Era dispiaciuta di aver perso una penna brillante, ma allo stesso tempo consapevole che la ragazza stesse facendo una mossa azzardata. “Andrea, tutti vogliono essere noi” le diceva, dall’alto del suo potere. Nemmeno uno squalo come lei avrebbe potuto però immaginare la rapidità del crollo dell’editoria (e la crisi della moda). Il Diavolo veste Prada 2, nelle sale italiane dal 29 aprile, si apre proprio con questa intuizione intelligente.

Il Diavolo Veste Prada 2: Miranda e Andy di nuovo insieme a Runaway
Miranda (Meryl Streep) e Andy (Anne Hataway) di nuovo insieme

Miranda, Andy e un mondo sotto assedio

Andy effettivamente è diventata una giornalista impegnata, tanto da ricevere premi prestigiosi per il suo lavoro. Peccato però che la ritroviamo proprio quando viene licenziata. La sua testata fallisce, vive in un appartamento dove l’acqua esce sporca e non sa cosa farà. Per chi vive di questo mestiere il sequel, diretto ancora da David Frankel, “è come film di orrore”, citando Joe Bastianich. La crisi è talmente forte da essere arrivata fino alla scrivania dorata di Miranda. Anche per la sua redazione ci sono sempre più tagli e meno spazi. La dura verità è che il primo film appartiene ormai a un’epoca completamente diversa: oggi non c’è “un bisogno disperato di Chanel”, ma di un lavoro.
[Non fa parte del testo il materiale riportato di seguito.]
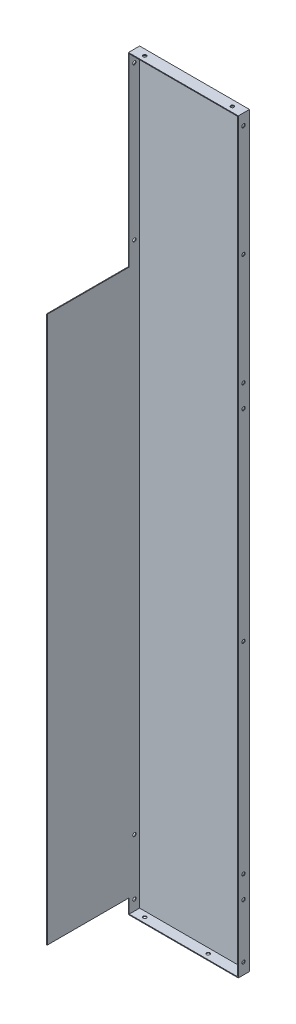
from build123d import *

# Parameters (mm, degrees)
SKETCH_1_W          = 295
SKETCH_1_H          = 2005
EXTRUDE_1_DEPTH     = 30
SHELL_1_T           = -2
SKETCH_2_W          = 2
SKETCH_2_H          = 1467
EXTRUDE_2_DEPTH     = 220
SKETCH_3_R          = 4.5
CUT_EXTRUDE_1_DEPTH = 10
SKETCH_4_R          = 4.5
CUT_EXTRUDE_2_DEPTH = 116
SKETCH_5_R          = 4.5
CUT_EXTRUDE_3_DEPTH = 72
SKETCH_6_R          = 4.5
CUT_EXTRUDE_4_DEPTH = 10
CUT_EXTRUDE_START   = -10
SKETCH_7_R          = 4.5
CUT_EXTRUDE_5_DEPTH = 10
SKETCH_8_R          = 4.5
CUT_EXTRUDE_6_DEPTH = 16


with BuildPart() as part:
    # 草图1 → 凸台-拉伸1 (new body)
    with BuildSketch(Plane.XY):
        with Locations((147.5, 1002.5)):
            Rectangle(SKETCH_1_W, SKETCH_1_H)
    extrude(amount=EXTRUDE_1_DEPTH)

    # 抽壳1
    shell_1_openings = [part.faces().sort_by_distance(p)[0] for p in [
        (147.5, 1002.5, 30),
    ]]
    offset(amount=SHELL_1_T, openings=shell_1_openings, kind=Kind.INTERSECTION)

    # 草图2 → 凸台-拉伸2 (add)
    with BuildSketch(Plane.XY.offset(30)):
        with Locations((1, 773.5)):
            Rectangle(SKETCH_2_W, SKETCH_2_H)
    extrude(amount=EXTRUDE_2_DEPTH)

    # 草图3 → 切除-拉伸1 (cut)
    with BuildSketch(Plane(origin=(0, 2, 0), x_dir=(1, 0, 0), z_dir=(0, 1, 0))):
        with Locations(Location((30, -16, 0), (0, 0, 270))):
            Circle(SKETCH_3_R)
        with Locations(Location((200, -16, 0), (0, 0, 270))):
            Circle(SKETCH_3_R)
    extrude(amount=-CUT_EXTRUDE_1_DEPTH, mode=Mode.SUBTRACT)

    # 草图4 → 切除-拉伸2 (cut)
    with BuildSketch(Plane(origin=(2, 0, 0), x_dir=(0, 0, -1), z_dir=(1, 0, 0))):
        with Locations((-16, 30)):
            Circle(SKETCH_4_R)
        with Locations((-16, 180)):
            Circle(SKETCH_4_R)
    extrude(amount=-CUT_EXTRUDE_2_DEPTH, mode=Mode.SUBTRACT)

    # 草图5 → 切除-拉伸3 (cut)
    with BuildSketch(Plane(origin=(2, 0, 0), x_dir=(0, 0, -1), z_dir=(1, 0, 0))):
        with Locations((-16, 1975)):
            Circle(SKETCH_5_R)
        with Locations((-16, 1563)):
            Circle(SKETCH_5_R)
    extrude(amount=-CUT_EXTRUDE_3_DEPTH, mode=Mode.SUBTRACT)

    # 草图6 → 切除-拉伸4 (cut)
    with BuildSketch(Plane(origin=(0, 2005, 0), x_dir=(1, 0, 0), z_dir=(0, 1, 0))):
        with Locations(Location((30, -16, 0), (0, 0, 270))):
            Circle(SKETCH_6_R)
        with Locations(Location((265, -16, 0), (0, 0, 270))):
            Circle(SKETCH_6_R)
    extrude(amount=-CUT_EXTRUDE_4_DEPTH, mode=Mode.SUBTRACT)

    # 草图7 → 切除-拉伸5 (cut)
    with BuildSketch(Plane.ZY.offset(-293).offset(CUT_EXTRUDE_START)):
        with Locations(Location((16, 1975, 0), (0, 0, 180))):
            Circle(SKETCH_7_R)
        with Locations((16, 1676)):
            Circle(SKETCH_7_R)
        with Locations((16, 1377)):
            Circle(SKETCH_7_R)
        with Locations((16, 1317)):
            Circle(SKETCH_7_R)
        with Locations((16, 776)):
            Circle(SKETCH_7_R)
        with Locations((16, 235)):
            Circle(SKETCH_7_R)
    extrude(amount=CUT_EXTRUDE_5_DEPTH, mode=Mode.SUBTRACT)

    # 草图8 → 切除-拉伸6 (cut)
    with BuildSketch(Plane(origin=(295, 0, 0), x_dir=(0, 0, -1), z_dir=(1, 0, 0))):
        with Locations((-16, 30)):
            Circle(SKETCH_8_R)
        with Locations((-16, 175)):
            Circle(SKETCH_8_R)
    extrude(amount=-CUT_EXTRUDE_6_DEPTH, mode=Mode.SUBTRACT)


solid = part.part

Il Diavolo veste Prada 2: il crollo dell’impero di Miranda Priestly

A causa della congiuntura economica particolarmente sfavorevole, le strade di Miranda e Andy si incrociano di nuovo. La giornalista viene assunta per dare una patina di maggiore credibilità a Runway. Devono quindi unire le forze e imparare a sopportarsi. Con loro ritroviamo Nigel (Stanley Tucci), ancora il braccio destro della terribile editor in chief, ed Emily (Emily Blunt), che ha lasciato la redazione per occuparsi del settore vendite di Dior. Non solo: se Andy è single (dell’odiatissimo Nate non c’è traccia), Emily si è invece trovata un potentissimo e ricchissimo tech bro pronto a esaudire ogni suo desiderio, Benji Barnes (un Justin Theroux irriconoscibile).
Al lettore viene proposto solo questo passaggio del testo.